Jason Bonsignore is another example of this type of player. Drafted by the Oilers 4th overall in 1994, Bonsignore certainly didn't have Daigle-like numbers, but his stats were very solid and suggested an early-round pick (though probably not as high as #4). Unlike Daigle, he also had the physical tools that make scouts drool, namely that he was 6'4” and built like a freight train. He only ever managed 79 NHL games in his career, recording 3 goals and 16 points. Bonsignore had the same essential issues as Daigle, lacking passion for the game, and being out of shape at times. Basically, he was too immature to succeed at the NHL level. Given time, he may have been able to work through his issues, but when you're investing in a 1st-round draft pick, you need to be sure the player will respond well to the pressures put upon him.
Perhaps if these players were drafted in a later round, if great expectations had not been thrust upon them, if they had been able to take the time to learn the maturity they needed to develop to their full potential, they would have been successful NHL players. You can argue that hindsight is 20/20, but it seems that NHL teams should have put a Milo on these players. Or to be fair, perhaps a mini-Milo: don't ignore them completely, but draft them in the 6th round if they're still available, and don't put too much pressure on them while they develop. Give them time to figure out what they need to do to become the players they can be.

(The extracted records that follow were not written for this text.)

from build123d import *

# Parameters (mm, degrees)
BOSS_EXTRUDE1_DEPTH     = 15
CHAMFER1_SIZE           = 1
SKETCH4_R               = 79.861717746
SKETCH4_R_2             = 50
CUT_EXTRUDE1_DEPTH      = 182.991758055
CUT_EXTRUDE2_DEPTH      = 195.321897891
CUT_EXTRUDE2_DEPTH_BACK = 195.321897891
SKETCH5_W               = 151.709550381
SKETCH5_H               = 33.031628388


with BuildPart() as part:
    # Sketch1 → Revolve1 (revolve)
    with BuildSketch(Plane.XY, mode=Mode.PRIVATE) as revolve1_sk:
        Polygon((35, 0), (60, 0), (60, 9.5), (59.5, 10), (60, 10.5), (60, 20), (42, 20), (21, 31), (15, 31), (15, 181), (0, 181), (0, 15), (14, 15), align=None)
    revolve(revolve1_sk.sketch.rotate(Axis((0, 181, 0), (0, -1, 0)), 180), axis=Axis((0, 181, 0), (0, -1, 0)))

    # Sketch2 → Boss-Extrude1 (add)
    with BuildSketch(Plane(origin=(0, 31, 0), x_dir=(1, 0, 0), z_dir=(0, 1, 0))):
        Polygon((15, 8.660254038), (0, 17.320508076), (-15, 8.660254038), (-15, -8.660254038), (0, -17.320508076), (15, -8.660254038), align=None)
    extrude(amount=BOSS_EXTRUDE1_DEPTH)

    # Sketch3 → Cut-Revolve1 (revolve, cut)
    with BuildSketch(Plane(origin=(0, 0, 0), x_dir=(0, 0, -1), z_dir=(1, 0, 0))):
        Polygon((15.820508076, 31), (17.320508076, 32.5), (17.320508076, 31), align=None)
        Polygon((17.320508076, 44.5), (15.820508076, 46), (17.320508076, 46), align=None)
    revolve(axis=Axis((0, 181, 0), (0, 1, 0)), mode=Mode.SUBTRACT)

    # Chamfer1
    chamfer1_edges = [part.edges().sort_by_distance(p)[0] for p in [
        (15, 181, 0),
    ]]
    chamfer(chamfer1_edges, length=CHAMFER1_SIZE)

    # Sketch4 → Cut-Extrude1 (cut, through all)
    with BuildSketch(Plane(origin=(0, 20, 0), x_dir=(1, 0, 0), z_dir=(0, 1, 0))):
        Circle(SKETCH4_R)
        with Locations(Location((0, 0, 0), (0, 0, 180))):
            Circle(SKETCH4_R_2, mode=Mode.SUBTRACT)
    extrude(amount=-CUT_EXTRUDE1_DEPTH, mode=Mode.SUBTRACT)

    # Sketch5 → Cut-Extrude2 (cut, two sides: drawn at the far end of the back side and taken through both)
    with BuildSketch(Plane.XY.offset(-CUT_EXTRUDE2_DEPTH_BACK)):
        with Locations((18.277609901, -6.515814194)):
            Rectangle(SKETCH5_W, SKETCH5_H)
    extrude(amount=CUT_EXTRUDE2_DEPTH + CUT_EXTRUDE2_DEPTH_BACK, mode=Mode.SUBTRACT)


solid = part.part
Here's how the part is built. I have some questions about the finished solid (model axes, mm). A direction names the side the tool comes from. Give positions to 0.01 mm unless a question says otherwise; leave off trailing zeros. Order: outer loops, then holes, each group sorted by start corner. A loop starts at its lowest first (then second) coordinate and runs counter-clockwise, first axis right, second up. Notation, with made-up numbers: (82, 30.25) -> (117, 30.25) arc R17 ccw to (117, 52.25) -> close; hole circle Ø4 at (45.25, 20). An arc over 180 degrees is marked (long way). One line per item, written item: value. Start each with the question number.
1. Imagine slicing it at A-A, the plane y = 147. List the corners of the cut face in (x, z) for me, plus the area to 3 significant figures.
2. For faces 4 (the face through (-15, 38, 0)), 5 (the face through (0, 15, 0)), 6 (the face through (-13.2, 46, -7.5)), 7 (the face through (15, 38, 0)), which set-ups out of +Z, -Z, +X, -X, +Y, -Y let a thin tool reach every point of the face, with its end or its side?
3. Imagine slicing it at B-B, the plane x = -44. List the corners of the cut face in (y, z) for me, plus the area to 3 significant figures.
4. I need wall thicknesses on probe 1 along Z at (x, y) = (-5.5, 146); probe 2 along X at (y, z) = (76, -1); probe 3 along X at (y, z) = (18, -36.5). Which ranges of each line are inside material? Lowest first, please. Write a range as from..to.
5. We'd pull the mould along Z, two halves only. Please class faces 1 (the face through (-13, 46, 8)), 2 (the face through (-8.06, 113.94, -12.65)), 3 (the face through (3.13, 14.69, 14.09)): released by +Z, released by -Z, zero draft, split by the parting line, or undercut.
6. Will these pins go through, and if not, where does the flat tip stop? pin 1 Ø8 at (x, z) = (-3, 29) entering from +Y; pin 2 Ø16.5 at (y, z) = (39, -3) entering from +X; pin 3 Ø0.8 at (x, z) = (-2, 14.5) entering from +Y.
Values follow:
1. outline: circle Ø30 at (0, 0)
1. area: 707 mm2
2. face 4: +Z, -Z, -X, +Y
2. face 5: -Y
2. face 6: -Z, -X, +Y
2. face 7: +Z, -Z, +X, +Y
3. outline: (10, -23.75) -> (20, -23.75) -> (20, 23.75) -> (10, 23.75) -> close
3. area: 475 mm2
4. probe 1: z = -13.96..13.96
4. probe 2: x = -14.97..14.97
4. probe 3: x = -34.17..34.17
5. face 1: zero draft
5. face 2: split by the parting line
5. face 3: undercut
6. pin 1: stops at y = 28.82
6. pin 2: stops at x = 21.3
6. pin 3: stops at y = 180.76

Of course, the reality is that some team is always going to snap up a player like that in the early rounds, and they're never going to be available to a prudent team in the middle rounds of the draft. Which means these players will almost never end up with a team that realizes how they need to be treated to succeed. In some sense, then, Daigle and Bonsignore were doomed to fail. The teams that wanted to draft them in the first round were not the teams patient enough to give them the time they need for their skills to emerge at the highest level of the game.
A caveat: while Crosby is listed ahead of Lemieux on the table above, don't take that to necessarily mean he will ultimately have a better career than Lemieux. This is far too simplistic an analysis to make such an assertion. All that can be said is that Crosby had an astounding age-17 season, and that it indicates the potential for him to be a Lemieux-esque player.